Anything and everything. Chestnut, black, bay, gray, buckskin, palomino, smoky black, any of the champagnes, any sort of dun. Etc etc etc etc.

There is no way to know what the sire was based on your mare unless she's DNA tested and even then we would need to know what the dam was as well.


----------



## lilruffian (Jun 28, 2010)

^ Pretty much.
Grey takes over any base color and fleebitten is not always a guarentee, it's just something that occurs, depending on how that particular horse greys out.
Also, black is always dominant over red when it comes to genetics in horses, so your mare could have got her black gene and agouti from either side.
It's possible that the sire could have been a bay, a black (or any variation) or even sorrel
It would only help to know what the dam was as well, though you could still determine little from that without testing.


----------



## Poseidon (Oct 1, 2010)

It's extremely difficult to figure out color backwards like that. The only 100% for sure color combination is chestnut + cremello = palomino, anything else could really have an extensive list of colors because, for example, a horse could be a buckskin dun, but not pass on ANY of of the modifying genes (agouti, cream, and dun) to a foal.


----------



## riddlemethis (Jun 3, 2008)

Poseidon said:


> It's extremely difficult to figure out color backwards like that. The only 100% for sure color combination is chestnut + cremello = palomino, anything else could really have an extensive list of colors because, for example, a horse could be a buckskin dun, but not pass on ANY of of the modifying genes (agouti, cream, and dun) to a foal.


And even that isn't 100%. If that chestnut carries pearl.... LOL :lol:


----------



## Poseidon (Oct 1, 2010)

Touche!


----------



## Sweeney Road (Feb 12, 2012)

I had a feeling I was going to get told that! Looks as if some DNA testing for colour might be in order.

Thanks!


----------



## Sweeney Road (Feb 12, 2012)

I forgot to ask--does it change the equation any if I mention that all horses in the scenario are purebred Arabians?
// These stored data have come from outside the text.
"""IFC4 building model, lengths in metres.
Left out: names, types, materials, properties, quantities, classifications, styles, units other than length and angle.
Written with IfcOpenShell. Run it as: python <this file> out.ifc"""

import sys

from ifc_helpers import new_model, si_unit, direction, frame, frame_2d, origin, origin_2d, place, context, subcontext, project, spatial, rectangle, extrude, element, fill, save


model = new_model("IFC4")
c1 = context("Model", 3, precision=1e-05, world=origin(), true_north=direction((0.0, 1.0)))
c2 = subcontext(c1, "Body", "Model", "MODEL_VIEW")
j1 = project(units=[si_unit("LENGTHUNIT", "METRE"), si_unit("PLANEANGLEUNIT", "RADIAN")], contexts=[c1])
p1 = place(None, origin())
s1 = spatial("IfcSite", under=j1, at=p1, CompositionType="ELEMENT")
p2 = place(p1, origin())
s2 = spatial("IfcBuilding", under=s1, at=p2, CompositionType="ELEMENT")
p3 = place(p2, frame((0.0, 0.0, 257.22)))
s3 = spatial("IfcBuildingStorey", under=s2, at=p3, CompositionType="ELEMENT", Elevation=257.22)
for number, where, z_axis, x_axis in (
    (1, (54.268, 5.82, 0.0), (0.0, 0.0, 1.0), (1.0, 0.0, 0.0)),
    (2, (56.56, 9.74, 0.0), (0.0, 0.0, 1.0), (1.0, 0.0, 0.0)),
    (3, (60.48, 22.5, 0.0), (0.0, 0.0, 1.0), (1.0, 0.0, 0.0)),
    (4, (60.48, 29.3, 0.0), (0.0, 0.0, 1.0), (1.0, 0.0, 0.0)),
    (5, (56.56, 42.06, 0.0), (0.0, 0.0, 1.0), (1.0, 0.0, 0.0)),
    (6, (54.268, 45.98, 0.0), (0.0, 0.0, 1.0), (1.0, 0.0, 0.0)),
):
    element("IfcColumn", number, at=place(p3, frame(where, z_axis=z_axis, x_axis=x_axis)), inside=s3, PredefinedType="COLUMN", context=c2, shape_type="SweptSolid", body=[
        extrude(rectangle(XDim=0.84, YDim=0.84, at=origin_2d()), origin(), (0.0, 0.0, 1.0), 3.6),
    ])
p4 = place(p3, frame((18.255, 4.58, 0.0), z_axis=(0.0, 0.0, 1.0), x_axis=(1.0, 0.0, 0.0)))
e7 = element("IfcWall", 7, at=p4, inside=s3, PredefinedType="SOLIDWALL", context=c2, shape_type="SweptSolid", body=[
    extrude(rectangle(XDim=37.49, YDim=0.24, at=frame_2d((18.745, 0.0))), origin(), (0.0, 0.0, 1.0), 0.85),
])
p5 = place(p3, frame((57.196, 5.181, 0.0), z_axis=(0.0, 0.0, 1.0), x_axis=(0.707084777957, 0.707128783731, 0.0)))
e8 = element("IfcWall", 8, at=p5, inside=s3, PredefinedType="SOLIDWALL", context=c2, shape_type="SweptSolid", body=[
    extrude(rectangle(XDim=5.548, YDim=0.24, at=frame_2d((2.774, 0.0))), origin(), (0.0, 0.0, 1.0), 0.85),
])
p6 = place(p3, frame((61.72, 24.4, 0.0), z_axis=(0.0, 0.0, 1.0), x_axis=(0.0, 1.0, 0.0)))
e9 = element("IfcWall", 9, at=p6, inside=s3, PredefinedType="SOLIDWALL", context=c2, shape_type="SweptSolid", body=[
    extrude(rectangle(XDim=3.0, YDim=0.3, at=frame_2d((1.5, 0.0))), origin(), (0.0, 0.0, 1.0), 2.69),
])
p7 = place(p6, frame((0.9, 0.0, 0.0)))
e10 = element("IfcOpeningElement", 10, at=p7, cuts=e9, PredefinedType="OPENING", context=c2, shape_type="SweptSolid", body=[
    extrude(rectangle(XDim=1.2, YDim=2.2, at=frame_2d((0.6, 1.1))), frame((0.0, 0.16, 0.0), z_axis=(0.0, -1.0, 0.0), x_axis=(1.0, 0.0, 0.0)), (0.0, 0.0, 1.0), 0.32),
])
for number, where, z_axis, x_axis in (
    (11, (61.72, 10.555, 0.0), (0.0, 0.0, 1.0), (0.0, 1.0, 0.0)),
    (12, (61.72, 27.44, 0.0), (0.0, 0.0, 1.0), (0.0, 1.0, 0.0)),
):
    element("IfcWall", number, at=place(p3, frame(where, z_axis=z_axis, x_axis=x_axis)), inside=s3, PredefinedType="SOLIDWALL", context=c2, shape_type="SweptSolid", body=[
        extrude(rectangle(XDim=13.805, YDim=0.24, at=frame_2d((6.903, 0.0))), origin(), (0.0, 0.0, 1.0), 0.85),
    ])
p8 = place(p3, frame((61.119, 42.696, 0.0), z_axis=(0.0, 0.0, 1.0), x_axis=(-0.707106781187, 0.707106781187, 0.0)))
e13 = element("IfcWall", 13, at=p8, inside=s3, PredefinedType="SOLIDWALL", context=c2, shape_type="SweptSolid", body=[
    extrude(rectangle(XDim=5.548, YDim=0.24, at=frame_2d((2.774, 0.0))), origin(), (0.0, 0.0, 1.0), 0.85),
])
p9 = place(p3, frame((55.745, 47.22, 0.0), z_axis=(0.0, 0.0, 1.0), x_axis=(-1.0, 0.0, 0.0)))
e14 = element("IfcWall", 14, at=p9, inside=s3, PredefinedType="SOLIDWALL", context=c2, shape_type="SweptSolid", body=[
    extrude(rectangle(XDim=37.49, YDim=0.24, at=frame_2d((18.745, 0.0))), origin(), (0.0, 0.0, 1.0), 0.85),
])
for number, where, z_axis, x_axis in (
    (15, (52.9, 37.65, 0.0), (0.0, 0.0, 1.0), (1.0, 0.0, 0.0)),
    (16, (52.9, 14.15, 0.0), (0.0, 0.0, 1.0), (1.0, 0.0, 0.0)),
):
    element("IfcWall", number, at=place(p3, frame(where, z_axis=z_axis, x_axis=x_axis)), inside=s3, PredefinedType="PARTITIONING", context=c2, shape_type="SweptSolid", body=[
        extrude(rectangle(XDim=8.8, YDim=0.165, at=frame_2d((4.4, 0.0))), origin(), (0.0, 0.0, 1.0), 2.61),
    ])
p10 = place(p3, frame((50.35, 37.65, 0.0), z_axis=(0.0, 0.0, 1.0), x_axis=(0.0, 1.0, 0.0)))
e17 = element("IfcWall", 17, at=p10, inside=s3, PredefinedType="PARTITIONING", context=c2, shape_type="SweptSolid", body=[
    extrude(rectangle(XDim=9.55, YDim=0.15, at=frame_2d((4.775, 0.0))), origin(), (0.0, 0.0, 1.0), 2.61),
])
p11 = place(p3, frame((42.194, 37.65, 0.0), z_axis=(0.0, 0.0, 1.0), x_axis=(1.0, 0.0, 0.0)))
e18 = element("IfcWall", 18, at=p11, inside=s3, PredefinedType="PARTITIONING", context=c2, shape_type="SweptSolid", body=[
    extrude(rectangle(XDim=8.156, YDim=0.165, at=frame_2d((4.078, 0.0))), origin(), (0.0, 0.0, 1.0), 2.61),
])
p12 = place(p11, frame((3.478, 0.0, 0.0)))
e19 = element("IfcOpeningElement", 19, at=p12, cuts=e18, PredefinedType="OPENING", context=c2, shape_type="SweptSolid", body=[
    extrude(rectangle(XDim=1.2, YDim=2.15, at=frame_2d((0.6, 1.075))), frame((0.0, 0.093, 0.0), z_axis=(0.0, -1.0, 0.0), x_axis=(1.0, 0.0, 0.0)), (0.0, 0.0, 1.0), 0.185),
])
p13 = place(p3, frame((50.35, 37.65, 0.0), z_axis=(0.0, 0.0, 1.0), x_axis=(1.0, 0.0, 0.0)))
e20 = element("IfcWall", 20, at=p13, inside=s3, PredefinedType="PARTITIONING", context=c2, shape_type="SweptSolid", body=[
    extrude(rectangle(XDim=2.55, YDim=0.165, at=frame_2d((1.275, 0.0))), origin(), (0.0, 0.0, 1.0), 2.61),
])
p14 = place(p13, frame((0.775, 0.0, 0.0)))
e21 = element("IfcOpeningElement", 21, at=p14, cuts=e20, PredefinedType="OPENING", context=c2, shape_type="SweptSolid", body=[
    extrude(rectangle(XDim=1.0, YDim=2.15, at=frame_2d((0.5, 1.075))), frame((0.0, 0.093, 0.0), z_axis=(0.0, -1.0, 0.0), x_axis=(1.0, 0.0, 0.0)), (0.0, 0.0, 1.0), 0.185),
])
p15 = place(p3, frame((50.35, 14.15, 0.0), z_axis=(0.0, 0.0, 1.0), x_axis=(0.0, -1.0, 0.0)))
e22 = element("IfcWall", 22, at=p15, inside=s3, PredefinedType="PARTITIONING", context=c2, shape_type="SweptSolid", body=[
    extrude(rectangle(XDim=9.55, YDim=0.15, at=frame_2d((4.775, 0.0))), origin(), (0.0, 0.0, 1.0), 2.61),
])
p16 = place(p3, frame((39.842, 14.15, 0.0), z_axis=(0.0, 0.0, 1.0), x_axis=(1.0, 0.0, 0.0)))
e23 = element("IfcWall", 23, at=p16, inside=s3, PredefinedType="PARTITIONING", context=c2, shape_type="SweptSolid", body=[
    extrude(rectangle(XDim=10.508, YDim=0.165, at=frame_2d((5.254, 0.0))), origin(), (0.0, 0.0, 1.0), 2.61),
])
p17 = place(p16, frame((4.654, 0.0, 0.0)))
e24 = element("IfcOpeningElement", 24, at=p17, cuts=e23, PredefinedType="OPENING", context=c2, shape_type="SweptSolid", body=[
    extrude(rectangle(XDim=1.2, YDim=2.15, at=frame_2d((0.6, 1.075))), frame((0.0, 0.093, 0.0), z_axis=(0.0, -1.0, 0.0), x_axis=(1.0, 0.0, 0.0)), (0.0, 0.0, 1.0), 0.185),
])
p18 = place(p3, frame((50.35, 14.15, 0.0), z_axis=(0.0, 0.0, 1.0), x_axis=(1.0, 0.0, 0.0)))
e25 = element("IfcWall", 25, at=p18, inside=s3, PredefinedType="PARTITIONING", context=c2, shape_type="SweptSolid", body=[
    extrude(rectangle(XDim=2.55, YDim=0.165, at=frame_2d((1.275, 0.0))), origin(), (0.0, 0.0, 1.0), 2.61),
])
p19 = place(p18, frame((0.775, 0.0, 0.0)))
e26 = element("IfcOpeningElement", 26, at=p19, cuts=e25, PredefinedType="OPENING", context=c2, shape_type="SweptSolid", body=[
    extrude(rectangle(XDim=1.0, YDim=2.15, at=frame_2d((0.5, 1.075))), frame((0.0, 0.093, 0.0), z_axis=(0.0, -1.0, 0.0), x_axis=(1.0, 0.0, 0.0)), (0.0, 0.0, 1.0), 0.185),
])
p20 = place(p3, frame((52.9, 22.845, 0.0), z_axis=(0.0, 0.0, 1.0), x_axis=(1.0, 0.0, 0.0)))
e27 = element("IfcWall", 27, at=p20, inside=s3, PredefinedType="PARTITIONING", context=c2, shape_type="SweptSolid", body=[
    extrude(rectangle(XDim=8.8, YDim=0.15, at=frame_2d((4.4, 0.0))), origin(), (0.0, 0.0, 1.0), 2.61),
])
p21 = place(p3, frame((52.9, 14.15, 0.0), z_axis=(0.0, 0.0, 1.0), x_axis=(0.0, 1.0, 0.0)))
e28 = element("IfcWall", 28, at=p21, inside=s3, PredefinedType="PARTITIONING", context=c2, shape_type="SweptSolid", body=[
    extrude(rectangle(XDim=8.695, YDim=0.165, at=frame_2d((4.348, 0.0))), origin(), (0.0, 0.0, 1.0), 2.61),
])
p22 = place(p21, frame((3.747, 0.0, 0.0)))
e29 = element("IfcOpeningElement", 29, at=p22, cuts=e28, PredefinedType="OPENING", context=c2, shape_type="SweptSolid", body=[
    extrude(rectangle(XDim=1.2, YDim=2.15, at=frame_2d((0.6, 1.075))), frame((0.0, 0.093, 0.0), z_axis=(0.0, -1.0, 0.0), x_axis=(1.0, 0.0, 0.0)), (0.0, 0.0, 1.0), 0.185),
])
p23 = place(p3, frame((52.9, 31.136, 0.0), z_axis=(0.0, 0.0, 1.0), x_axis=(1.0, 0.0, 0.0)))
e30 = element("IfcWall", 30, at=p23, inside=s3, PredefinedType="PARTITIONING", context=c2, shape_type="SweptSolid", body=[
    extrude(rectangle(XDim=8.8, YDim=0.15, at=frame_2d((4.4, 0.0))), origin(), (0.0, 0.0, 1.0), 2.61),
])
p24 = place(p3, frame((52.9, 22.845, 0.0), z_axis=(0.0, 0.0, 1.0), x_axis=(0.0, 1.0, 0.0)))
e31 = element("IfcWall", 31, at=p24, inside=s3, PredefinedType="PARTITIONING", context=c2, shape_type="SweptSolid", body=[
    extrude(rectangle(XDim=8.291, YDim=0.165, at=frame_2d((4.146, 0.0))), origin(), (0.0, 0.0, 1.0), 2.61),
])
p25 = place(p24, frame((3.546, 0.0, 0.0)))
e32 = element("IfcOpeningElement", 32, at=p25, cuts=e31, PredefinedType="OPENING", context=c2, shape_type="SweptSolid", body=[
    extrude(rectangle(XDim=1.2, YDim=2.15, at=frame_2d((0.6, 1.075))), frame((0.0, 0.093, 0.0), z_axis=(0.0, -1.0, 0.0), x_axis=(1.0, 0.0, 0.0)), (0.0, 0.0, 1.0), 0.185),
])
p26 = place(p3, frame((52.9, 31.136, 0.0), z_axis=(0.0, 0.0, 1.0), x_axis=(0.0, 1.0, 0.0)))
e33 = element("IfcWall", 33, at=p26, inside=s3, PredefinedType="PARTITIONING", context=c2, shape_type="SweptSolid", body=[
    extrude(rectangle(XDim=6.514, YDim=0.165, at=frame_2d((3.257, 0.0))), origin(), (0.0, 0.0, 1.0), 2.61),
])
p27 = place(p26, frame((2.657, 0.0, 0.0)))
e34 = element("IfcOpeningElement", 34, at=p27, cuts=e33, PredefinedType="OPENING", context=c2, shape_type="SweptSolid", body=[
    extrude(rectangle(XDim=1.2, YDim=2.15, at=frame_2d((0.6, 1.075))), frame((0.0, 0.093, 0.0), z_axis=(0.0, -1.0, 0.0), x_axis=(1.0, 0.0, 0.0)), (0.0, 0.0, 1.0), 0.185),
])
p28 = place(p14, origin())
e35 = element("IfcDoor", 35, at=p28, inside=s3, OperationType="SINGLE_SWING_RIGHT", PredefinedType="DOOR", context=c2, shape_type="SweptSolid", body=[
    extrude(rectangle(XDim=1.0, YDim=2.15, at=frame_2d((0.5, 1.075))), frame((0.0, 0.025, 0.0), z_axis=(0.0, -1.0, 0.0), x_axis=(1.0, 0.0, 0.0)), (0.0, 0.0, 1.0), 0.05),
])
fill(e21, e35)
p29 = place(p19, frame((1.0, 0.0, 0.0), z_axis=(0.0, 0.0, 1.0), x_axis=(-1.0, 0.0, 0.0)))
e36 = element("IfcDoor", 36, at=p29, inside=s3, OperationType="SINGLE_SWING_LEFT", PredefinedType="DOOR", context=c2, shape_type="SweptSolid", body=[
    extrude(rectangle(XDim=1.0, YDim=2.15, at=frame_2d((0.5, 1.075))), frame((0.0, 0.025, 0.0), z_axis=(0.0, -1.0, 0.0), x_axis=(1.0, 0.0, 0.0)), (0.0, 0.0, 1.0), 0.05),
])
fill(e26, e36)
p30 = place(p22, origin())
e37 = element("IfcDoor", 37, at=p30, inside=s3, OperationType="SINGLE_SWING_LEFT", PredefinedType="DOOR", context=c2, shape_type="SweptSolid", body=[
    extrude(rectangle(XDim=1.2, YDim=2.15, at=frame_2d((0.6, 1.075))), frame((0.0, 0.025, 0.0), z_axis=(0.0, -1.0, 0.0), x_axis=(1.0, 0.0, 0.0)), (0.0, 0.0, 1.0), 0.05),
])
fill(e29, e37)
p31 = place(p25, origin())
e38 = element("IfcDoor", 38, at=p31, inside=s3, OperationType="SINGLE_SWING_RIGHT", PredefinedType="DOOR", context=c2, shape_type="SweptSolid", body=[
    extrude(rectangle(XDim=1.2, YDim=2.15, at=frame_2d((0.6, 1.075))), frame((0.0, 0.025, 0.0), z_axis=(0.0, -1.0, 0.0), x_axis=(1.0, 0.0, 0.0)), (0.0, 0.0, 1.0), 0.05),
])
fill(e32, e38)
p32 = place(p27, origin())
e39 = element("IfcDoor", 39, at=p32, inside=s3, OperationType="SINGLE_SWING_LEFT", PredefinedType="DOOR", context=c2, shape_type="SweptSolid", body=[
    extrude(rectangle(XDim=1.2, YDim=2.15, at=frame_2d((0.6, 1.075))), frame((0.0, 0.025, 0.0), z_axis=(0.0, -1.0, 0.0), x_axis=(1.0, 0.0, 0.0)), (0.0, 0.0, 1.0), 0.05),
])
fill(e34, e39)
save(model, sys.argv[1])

Polish, to be a little more exact.


----------



## Peppy Barrel Racing (Aug 16, 2011)

Yeah a little, Arabians only come in certain colors, purebred ones at least. Sorrel, bay, black, and grey, (well I think they are discovering dominant white but I haven't read on that yet but that's unlikely a choice in your case) so you can maybe guess based on that.
_Posted via Mobile Device_


----------



## Poseidon (Oct 1, 2010)

Well, really, it just narrows the colors down to the only ones that Arabians can be: black, chestnut, bay/brown, and gray.
_Posted via Mobile Device_


----------



## Bridgertrot (Dec 2, 2011)

Poseidon said:


> It's extremely difficult to figure out color backwards like that. The only 100% for sure color combination is chestnut + cremello = palomino, anything else could really have an extensive list of colors because, for example, a horse could be a buckskin dun, but not pass on ANY of of the modifying genes (agouti, cream, and dun) to a foal.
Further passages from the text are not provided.